|Lei, T - PURDUE UNIV., WLAF, IN|
|Haghighi, K - PURDUE UNIV., WLAF, IN|
|Bralts, V - PURDUE UNIV., WLAF, IN|
Submitted to: Water Resources Research
Publication Type: Peer Reviewed Journal
Publication Acceptance Date: June 26, 1998
Publication Date: N/A
Interpretive Summary: This study presents the results from a computer model which mimics the way in which rills form and change over time. The model presented in this study uses more advanced physics with a much higher level of complexity than has been used in previous scientific investigations. Most scientists, and perhaps most people, have the impression that if we know enough about a system, if we can describe it in enough detail, and if we understand erosion processes, we can calculate soil erosion rates. This study would indicate otherwise. The results shown here would indicate that there is a level of randomness in sediment loads which is inherent in nature. As the rill forms, it "self-generates" alternating regions of detachment and deposition in narrower and wider rill sections, respectively, and so the sediment load in the rill may naturally increase and decrease in an unpredictable manner as it meanders downshope. Depending then on where in the rill one takes erosion measurements, the sediment load has a natural component of variability associated with this widening and narrowing of the rill.
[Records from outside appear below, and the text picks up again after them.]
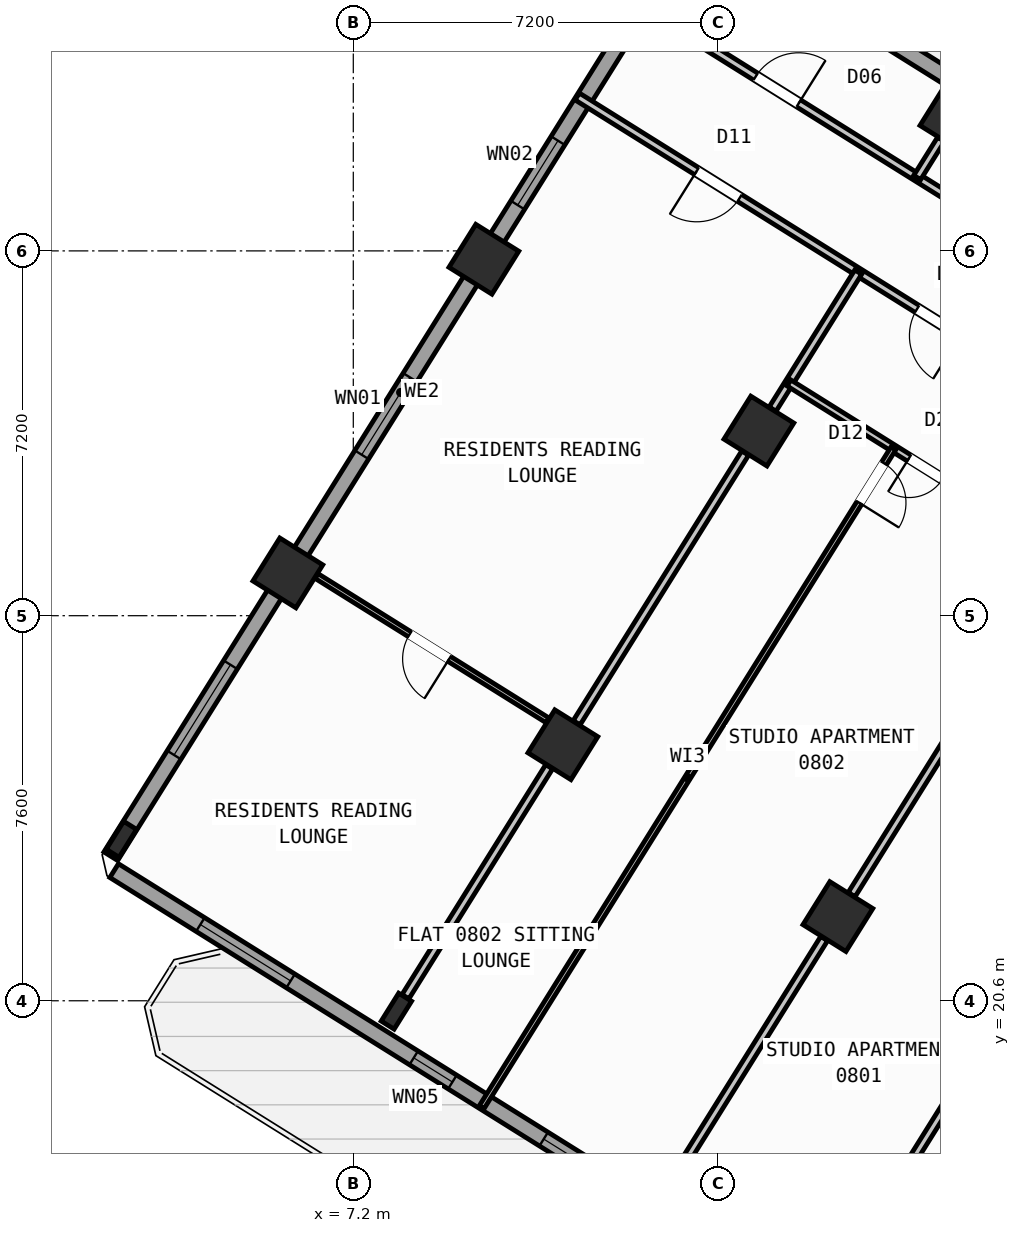
"""IFC4 building model, lengths in metres.
Left out: names, types, materials, properties, quantities, classifications, styles, units other than length and angle.
Written with IfcOpenShell. Run it as: python <this file> out.ifc"""

import sys

from ifc_helpers import new_model, si_unit, direction, frame, frame_2d, origin, origin_2d, place, context, subcontext, project, spatial, rectangle, hollow_rectangle, i_section, extrude, source, transform, mapped, element, fill, save


model = new_model("IFC4")
c1 = context("Model", 3, precision=1e-05, world=origin(), true_north=direction((0.0, 1.0)))
c2 = subcontext(c1, "Body", "Model", "MODEL_VIEW")
j1 = project(units=[si_unit("LENGTHUNIT", "METRE"), si_unit("PLANEANGLEUNIT", "RADIAN")], contexts=[c1])
p1 = place(None, origin())
s1 = spatial("IfcSite", under=j1, at=p1, CompositionType="ELEMENT")
p2 = place(p1, origin())
s2 = spatial("IfcBuilding", under=s1, at=p2, CompositionType="ELEMENT")
p3 = place(p2, frame((0.0, 0.0, 34.8)))
s3 = spatial("IfcBuildingStorey", under=s2, at=p3, CompositionType="ELEMENT", Elevation=34.8)
m1 = source(origin(), c2, "Body", "SweptSolid", [
    extrude(hollow_rectangle(XDim=1.0, YDim=1.0, WallThickness=0.04, at=origin_2d()), origin(), (0.0, 0.0, 1.0), 3.6),
])
for number, where, z_axis, x_axis in (
    (1, (16.764, 22.261, 0.0), (0.0, 0.0, 1.0), (-0.848, 0.53, 0.0)),
    (2, (19.073, 38.034, 0.0), (0.0, 0.0, 1.0), (-0.848, 0.53, 0.0)),
    (3, (15.205, 31.844, 0.0), (0.0, 0.0, 1.0), (-0.848, 0.53, 0.0)),
    (4, (11.336, 25.653, 0.0), (0.0, 0.0, 1.0), (-0.848, 0.53, 0.0)),
):
    element("IfcColumn", number, at=place(p3, frame(where, z_axis=z_axis, x_axis=x_axis)), inside=s3, PredefinedType="COLUMN", context=c2, shape_type="MappedRepresentation", body=[
        mapped(m1, transform((0.0, 0.0, 0.0), scale=1.0)),
    ])
m2 = source(origin(), c2, "Body", "SweptSolid", [
    extrude(i_section(OverallWidth=0.3, OverallDepth=0.65, WebThickness=0.016, FlangeThickness=0.031, at=origin_2d()), origin(), (0.0, 0.0, 1.0), 3.6),
])
p4 = place(p3, frame((8.051, 20.395, 0.0), z_axis=(0.0, 0.0, 1.0), x_axis=(-0.848048096156, 0.529919264233, 0.0)))
e5 = element("IfcColumn", 5, at=p4, inside=s3, PredefinedType="COLUMN", context=c2, shape_type="MappedRepresentation", body=[
    mapped(m2, transform((0.0, 0.0, 0.0), scale=1.0)),
])
for number, where, z_axis, x_axis in (
    (6, (9.777, 35.235, 0.0), (0.0, 0.0, 1.0), (-0.848, 0.53, 0.0)),
    (7, (5.909, 29.044, 0.0), (0.0, 0.0, 1.0), (-0.848, 0.53, 0.0)),
):
    element("IfcColumn", number, at=place(p3, frame(where, z_axis=z_axis, x_axis=x_axis)), inside=s3, PredefinedType="COLUMN", context=c2, shape_type="MappedRepresentation", body=[
        mapped(m1, transform((0.0, 0.0, 0.0), scale=1.0)),
    ])
p5 = place(p3, frame((2.623, 23.786, 0.0), z_axis=(0.0, 0.0, 1.0), x_axis=(-0.848048096156, 0.529919264233, 0.0)))
e8 = element("IfcColumn", 8, at=p5, inside=s3, PredefinedType="COLUMN", context=c2, shape_type="MappedRepresentation", body=[
    mapped(m2, transform((0.0, 0.0, 0.0), scale=1.0)),
])
p6 = place(p3, frame((29.268, 6.429, 0.0), z_axis=(0.0, 0.0, 1.0), x_axis=(-0.848049971435, 0.529916263149, 0.0)))
e9 = element("IfcWall", 9, at=p6, inside=s3, PredefinedType="STANDARD", context=c2, shape_type="SweptSolid", body=[
    extrude(rectangle(XDim=31.588, YDim=0.32, at=frame_2d((15.794, 0.0))), origin(), (0.0, 0.0, 1.0), 3.35),
])
p7 = place(p6, frame((16.362, 0.0, 0.0)))
e10 = element("IfcOpeningElement", 10, at=p7, cuts=e9, PredefinedType="OPENING", context=c2, shape_type="SweptSolid", body=[
    extrude(rectangle(XDim=1.2, YDim=2.15, at=frame_2d((0.6, 1.075))), frame((0.0, 0.17, 0.0), z_axis=(0.0, -1.0, 0.0), x_axis=(1.0, 0.0, 0.0)), (0.0, 0.0, 1.0), 0.34),
])
p8 = place(p6, frame((2.989, 0.0, 0.8)))
e11 = element("IfcOpeningElement", 11, at=p8, cuts=e9, PredefinedType="OPENING", context=c2, shape_type="SweptSolid", body=[
    extrude(rectangle(XDim=2.1, YDim=1.55, at=frame_2d((1.05, 0.775))), frame((0.0, 0.17, 0.0), z_axis=(0.0, -1.0, 0.0), x_axis=(1.0, 0.0, 0.0)), (0.0, 0.0, 1.0), 0.34),
])
p9 = place(p6, frame((8.359, 0.0, 0.8)))
e12 = element("IfcOpeningElement", 12, at=p9, cuts=e9, PredefinedType="OPENING", context=c2, shape_type="SweptSolid", body=[
    extrude(rectangle(XDim=2.1, YDim=1.55, at=frame_2d((1.05, 0.775))), frame((0.0, 0.17, 0.0), z_axis=(0.0, -1.0, 0.0), x_axis=(1.0, 0.0, 0.0)), (0.0, 0.0, 1.0), 0.34),
])
p10 = place(p6, frame((13.284, 0.0, 0.95)))
e13 = element("IfcOpeningElement", 13, at=p10, cuts=e9, PredefinedType="OPENING", context=c2, shape_type="SweptSolid", body=[
    extrude(rectangle(XDim=1.2, YDim=1.4, at=frame_2d((0.6, 0.7))), frame((0.0, 0.17, 0.0), z_axis=(0.0, -1.0, 0.0), x_axis=(1.0, 0.0, 0.0)), (0.0, 0.0, 1.0), 0.34),
])
p11 = place(p6, frame((20.39, 0.0, 0.95)))
e14 = element("IfcOpeningElement", 14, at=p11, cuts=e9, PredefinedType="OPENING", context=c2, shape_type="SweptSolid", body=[
    extrude(rectangle(XDim=1.2, YDim=1.4, at=frame_2d((0.6, 0.7))), frame((0.0, 0.17, 0.0), z_axis=(0.0, -1.0, 0.0), x_axis=(1.0, 0.0, 0.0)), (0.0, 0.0, 1.0), 0.34),
])
p12 = place(p6, frame((23.715, 0.0, 1.0)))
e15 = element("IfcOpeningElement", 15, at=p12, cuts=e9, PredefinedType="OPENING", context=c2, shape_type="SweptSolid", body=[
    extrude(rectangle(XDim=0.9, YDim=1.25, at=frame_2d((0.45, 0.625))), frame((0.0, 0.17, 0.0), z_axis=(0.0, -1.0, 0.0), x_axis=(1.0, 0.0, 0.0)), (0.0, 0.0, 1.0), 0.34),
])
p13 = place(p6, frame((27.481, 0.0, 0.8)))
e16 = element("IfcOpeningElement", 16, at=p13, cuts=e9, PredefinedType="OPENING", context=c2, shape_type="SweptSolid", body=[
    extrude(rectangle(XDim=2.1, YDim=1.55, at=frame_2d((1.05, 0.775))), frame((0.0, 0.17, 0.0), z_axis=(0.0, -1.0, 0.0), x_axis=(1.0, 0.0, 0.0)), (0.0, 0.0, 1.0), 0.34),
])
p14 = place(p3, frame((2.415, 23.452, 0.0), z_axis=(0.0, 0.0, 1.0), x_axis=(0.52991049553, 0.848053575387, 0.0)))
e17 = element("IfcWall", 17, at=p14, inside=s3, PredefinedType="STANDARD", context=c2, shape_type="SweptSolid", body=[
    extrude(rectangle(XDim=21.587, YDim=0.32, at=frame_2d((10.794, 0.0))), origin(), (0.0, 0.0, 1.0), 2.725),
])
p15 = place(p14, frame((2.356, 0.0, 0.8)))
e18 = element("IfcOpeningElement", 18, at=p15, cuts=e17, PredefinedType="OPENING", context=c2, shape_type="SweptSolid", body=[
    extrude(rectangle(XDim=2.1, YDim=1.55, at=frame_2d((1.05, 0.775))), frame((0.0, 0.17, 0.0), z_axis=(0.0, -1.0, 0.0), x_axis=(1.0, 0.0, 0.0)), (0.0, 0.0, 1.0), 0.34),
])
p16 = place(p14, frame((9.344, 0.0, 0.85)))
e19 = element("IfcOpeningElement", 19, at=p16, cuts=e17, PredefinedType="OPENING", context=c2, shape_type="SweptSolid", body=[
    extrude(rectangle(XDim=1.8, YDim=1.5, at=frame_2d((0.9, 0.75))), frame((0.0, 0.17, 0.0), z_axis=(0.0, -1.0, 0.0), x_axis=(1.0, 0.0, 0.0)), (0.0, 0.0, 1.0), 0.34),
])
p17 = place(p14, frame((15.154, 0.0, 0.85)))
e20 = element("IfcOpeningElement", 20, at=p17, cuts=e17, PredefinedType="OPENING", context=c2, shape_type="SweptSolid", body=[
    extrude(rectangle(XDim=1.5, YDim=1.5, at=frame_2d((0.75, 0.75))), frame((0.0, 0.17, 0.0), z_axis=(0.0, -1.0, 0.0), x_axis=(1.0, 0.0, 0.0)), (0.0, 0.0, 1.0), 0.34),
])
p18 = place(p3, frame((14.138, 41.825, 0.0), z_axis=(0.0, 0.0, 1.0), x_axis=(0.848046498049, -0.529921821731, 0.0)))
e21 = element("IfcWall", 21, at=p18, inside=s3, PredefinedType="STANDARD", context=c2, shape_type="SweptSolid", body=[
    extrude(rectangle(XDim=31.588, YDim=0.32, at=frame_2d((15.794, 0.0))), origin(), (0.0, 0.0, 1.0), 3.35),
])
p19 = place(p18, frame((3.369, 0.0, 0.0)))
e22 = element("IfcOpeningElement", 22, at=p19, cuts=e21, PredefinedType="OPENING", context=c2, shape_type="SweptSolid", body=[
    extrude(rectangle(XDim=1.05, YDim=2.15, at=frame_2d((0.525, 1.075))), frame((0.0, 0.17, 0.0), z_axis=(0.0, -1.0, 0.0), x_axis=(1.0, 0.0, 0.0)), (0.0, 0.0, 1.0), 0.34),
])
p20 = place(p18, frame((0.946, 0.0, 0.85)))
e23 = element("IfcOpeningElement", 23, at=p20, cuts=e21, PredefinedType="OPENING", context=c2, shape_type="SweptSolid", body=[
    extrude(rectangle(XDim=1.8, YDim=1.5, at=frame_2d((0.9, 0.75))), frame((0.0, 0.17, 0.0), z_axis=(0.0, -1.0, 0.0), x_axis=(1.0, 0.0, 0.0)), (0.0, 0.0, 1.0), 0.34),
])
p21 = place(p18, frame((8.46, 0.0, 0.85)))
e24 = element("IfcOpeningElement", 24, at=p21, cuts=e21, PredefinedType="OPENING", context=c2, shape_type="SweptSolid", body=[
    extrude(rectangle(XDim=1.8, YDim=1.5, at=frame_2d((0.9, 0.75))), frame((0.0, 0.17, 0.0), z_axis=(0.0, -1.0, 0.0), x_axis=(1.0, 0.0, 0.0)), (0.0, 0.0, 1.0), 0.34),
])
p22 = place(p18, frame((13.899, 0.0, 0.85)))
e25 = element("IfcOpeningElement", 25, at=p22, cuts=e21, PredefinedType="OPENING", context=c2, shape_type="SweptSolid", body=[
    extrude(rectangle(XDim=1.5, YDim=1.5, at=frame_2d((0.75, 0.75))), frame((0.0, 0.17, 0.0), z_axis=(0.0, -1.0, 0.0), x_axis=(1.0, 0.0, 0.0)), (0.0, 0.0, 1.0), 0.34),
])
p23 = place(p18, frame((22.019, 0.0, 0.95)))
e26 = element("IfcOpeningElement", 26, at=p23, cuts=e21, PredefinedType="OPENING", context=c2, shape_type="SweptSolid", body=[
    extrude(rectangle(XDim=1.2, YDim=1.4, at=frame_2d((0.6, 0.7))), frame((0.0, 0.17, 0.0), z_axis=(0.0, -1.0, 0.0), x_axis=(1.0, 0.0, 0.0)), (0.0, 0.0, 1.0), 0.34),
])
p24 = place(p18, frame((27.569, 0.0, 0.95)))
e27 = element("IfcOpeningElement", 27, at=p24, cuts=e21, PredefinedType="OPENING", context=c2, shape_type="SweptSolid", body=[
    extrude(rectangle(XDim=1.2, YDim=1.4, at=frame_2d((0.6, 0.7))), frame((0.0, 0.17, 0.0), z_axis=(0.0, -1.0, 0.0), x_axis=(1.0, 0.0, 0.0)), (0.0, 0.0, 1.0), 0.34),
])
p25 = place(p3, frame((25.807, 29.582, 0.0), z_axis=(0.0, 0.0, 1.0), x_axis=(-0.529918119251, -0.84804881162, 0.0)))
e28 = element("IfcWall", 28, at=p25, inside=s3, PredefinedType="PARTITIONING", context=c2, shape_type="SweptSolid", body=[
    extrude(rectangle(XDim=17.65, YDim=0.16, at=frame_2d((8.825, 0.0))), origin(), (0.0, 0.0, 1.0), 3.34),
])
p26 = place(p3, frame((26.973, 31.447, 0.0), z_axis=(0.0, 0.0, 1.0), x_axis=(-0.848048310262, 0.529918921593, 0.0)))
e29 = element("IfcWall", 29, at=p26, inside=s3, PredefinedType="PARTITIONING", context=c2, shape_type="SweptSolid", body=[
    extrude(rectangle(XDim=16.73, YDim=0.16, at=frame_2d((8.365, 0.0))), origin(), (0.0, 0.0, 1.0), 3.34),
])
p27 = place(p26, frame((1.588, 0.0, 0.0)))
e30 = element("IfcOpeningElement", 30, at=p27, cuts=e29, PredefinedType="OPENING", context=c2, shape_type="SweptSolid", body=[
    extrude(rectangle(XDim=1.0, YDim=2.1, at=frame_2d((0.5, 1.05))), frame((0.0, 0.09, 0.0), z_axis=(0.0, -1.0, 0.0), x_axis=(1.0, 0.0, 0.0)), (0.0, 0.0, 1.0), 0.18),
])
p28 = place(p26, frame((6.685, 0.0, 0.0)))
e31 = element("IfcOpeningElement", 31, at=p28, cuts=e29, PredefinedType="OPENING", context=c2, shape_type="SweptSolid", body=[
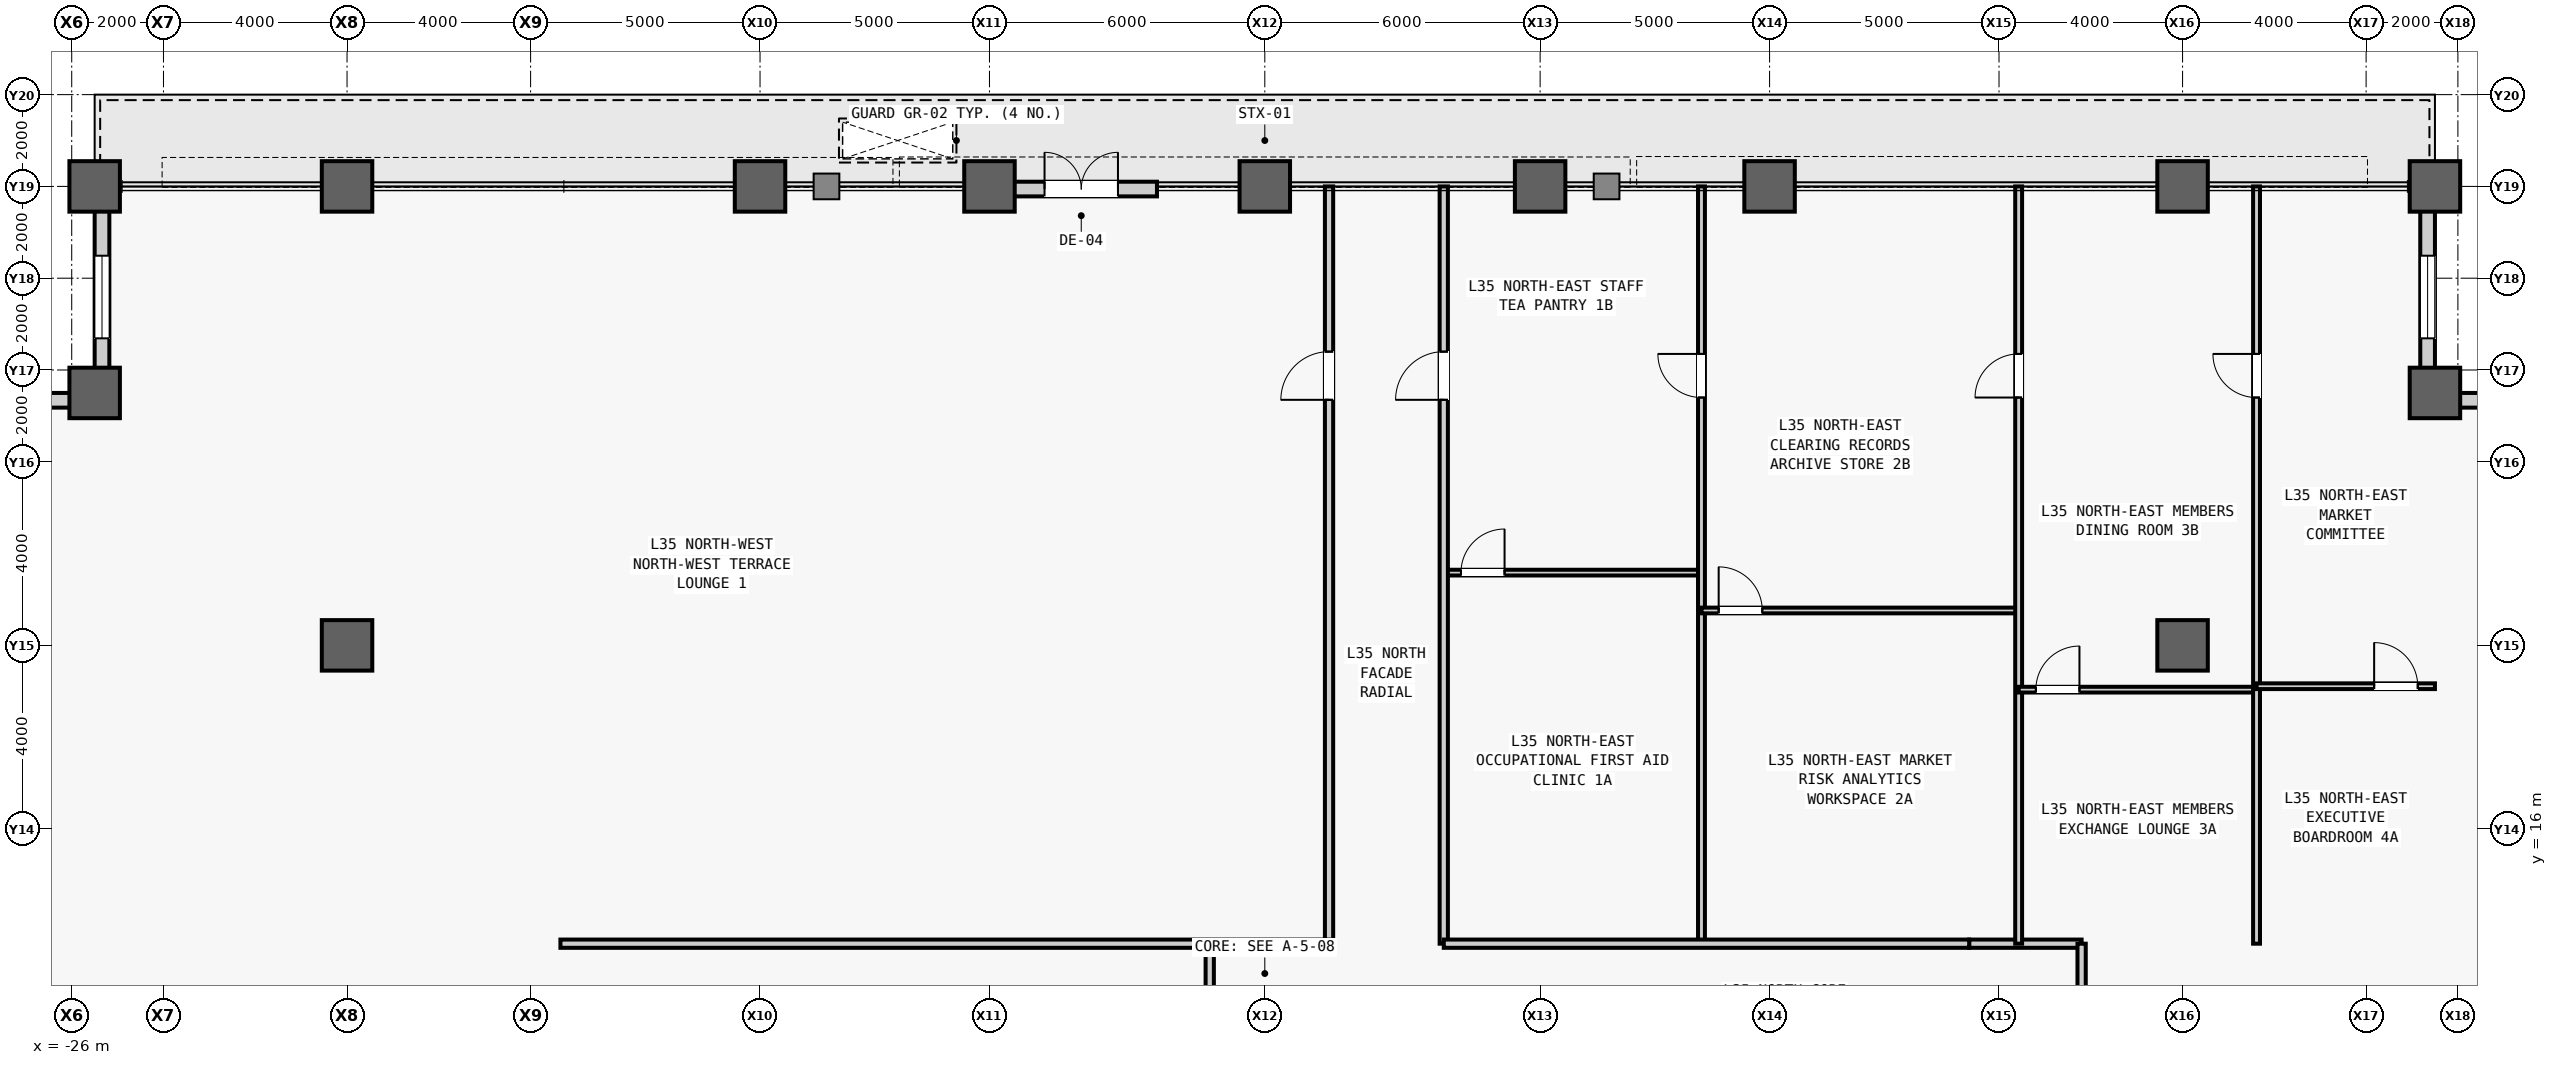
"""IFC4 building model, lengths in metres.
Left out: names, types, materials, properties, quantities, classifications, styles, units other than length and angle.
Written with IfcOpenShell. Run it as: python <this file> out.ifc"""

import sys

from ifc_helpers import new_model, si_unit, direction, frame, frame_2d, origin, origin_2d, place, context, subcontext, project, spatial, rectangle, hollow_rectangle, extrude, source, transform, mapped, element, fill, save


model = new_model("IFC4")
c1 = context("Model", 3, precision=1e-05, world=origin(), true_north=direction((0.0, 1.0)))
c2 = subcontext(c1, "Body", "Model", "MODEL_VIEW")
j1 = project(units=[si_unit("LENGTHUNIT", "METRE"), si_unit("PLANEANGLEUNIT", "RADIAN")], contexts=[c1])
p1 = place(None, origin())
s1 = spatial("IfcSite", under=j1, at=p1, CompositionType="ELEMENT")
p2 = place(p1, origin())
s2 = spatial("IfcBuilding", under=s1, at=p2, CompositionType="ELEMENT")
p3 = place(p2, frame((0.0, 0.0, 155.1)))
s3 = spatial("IfcBuildingStorey", under=s2, at=p3, CompositionType="ELEMENT", Elevation=155.1)
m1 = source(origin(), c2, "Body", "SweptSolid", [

This means that one might need to make more replications of erosion experiments than one might otherwise suppose in order to quantify or substantiate difference between treatments. By studying the behavior of this model, scientists can better understand how erosion occurs, but perhaps more importantly, it helps us understand how better to measure soil erosion and how to build better models for soil conservation purposes.
Technical Abstract: A series of laboratory flume experiments were performed to evaluate a mathematical model which simulates the dynamic process of rill evolution, including temporal changes in the spatial heterogeneity of rill flow width, depth, and velocity caused by varying rates of erosion and deposition along the bed. Initial bed slopes were 3, 5, and 7 percent with step increases of water inflow rates of 7.6, 11.4, and 15.2 liters per minute (2, 3 and 4 gallons per minute) at each slope grade. The soil material used in the flume was a kaolinitic, sandy-clay loam. The rill model equations were solved for each of the experimental flow conditions for four increasingly complex cases: A). time invariant and spatially uniform rill widths and bed slopes (elevations); B). time invariant and spatially uniform widths, time variable and spatially non-uniform slopes; C). time invariant but spatially non-uniform widths, time variable and spatially non-uniform slopes; D). time variant and spatially non-uniform rill widths and bed slopes. The model followed measured patterns of morphological changes as the rill evolved, which suggests that the feedback loops in the model between erosion, bed morphological changes, and hydraulics were adequate to capture the essence of rill evolution.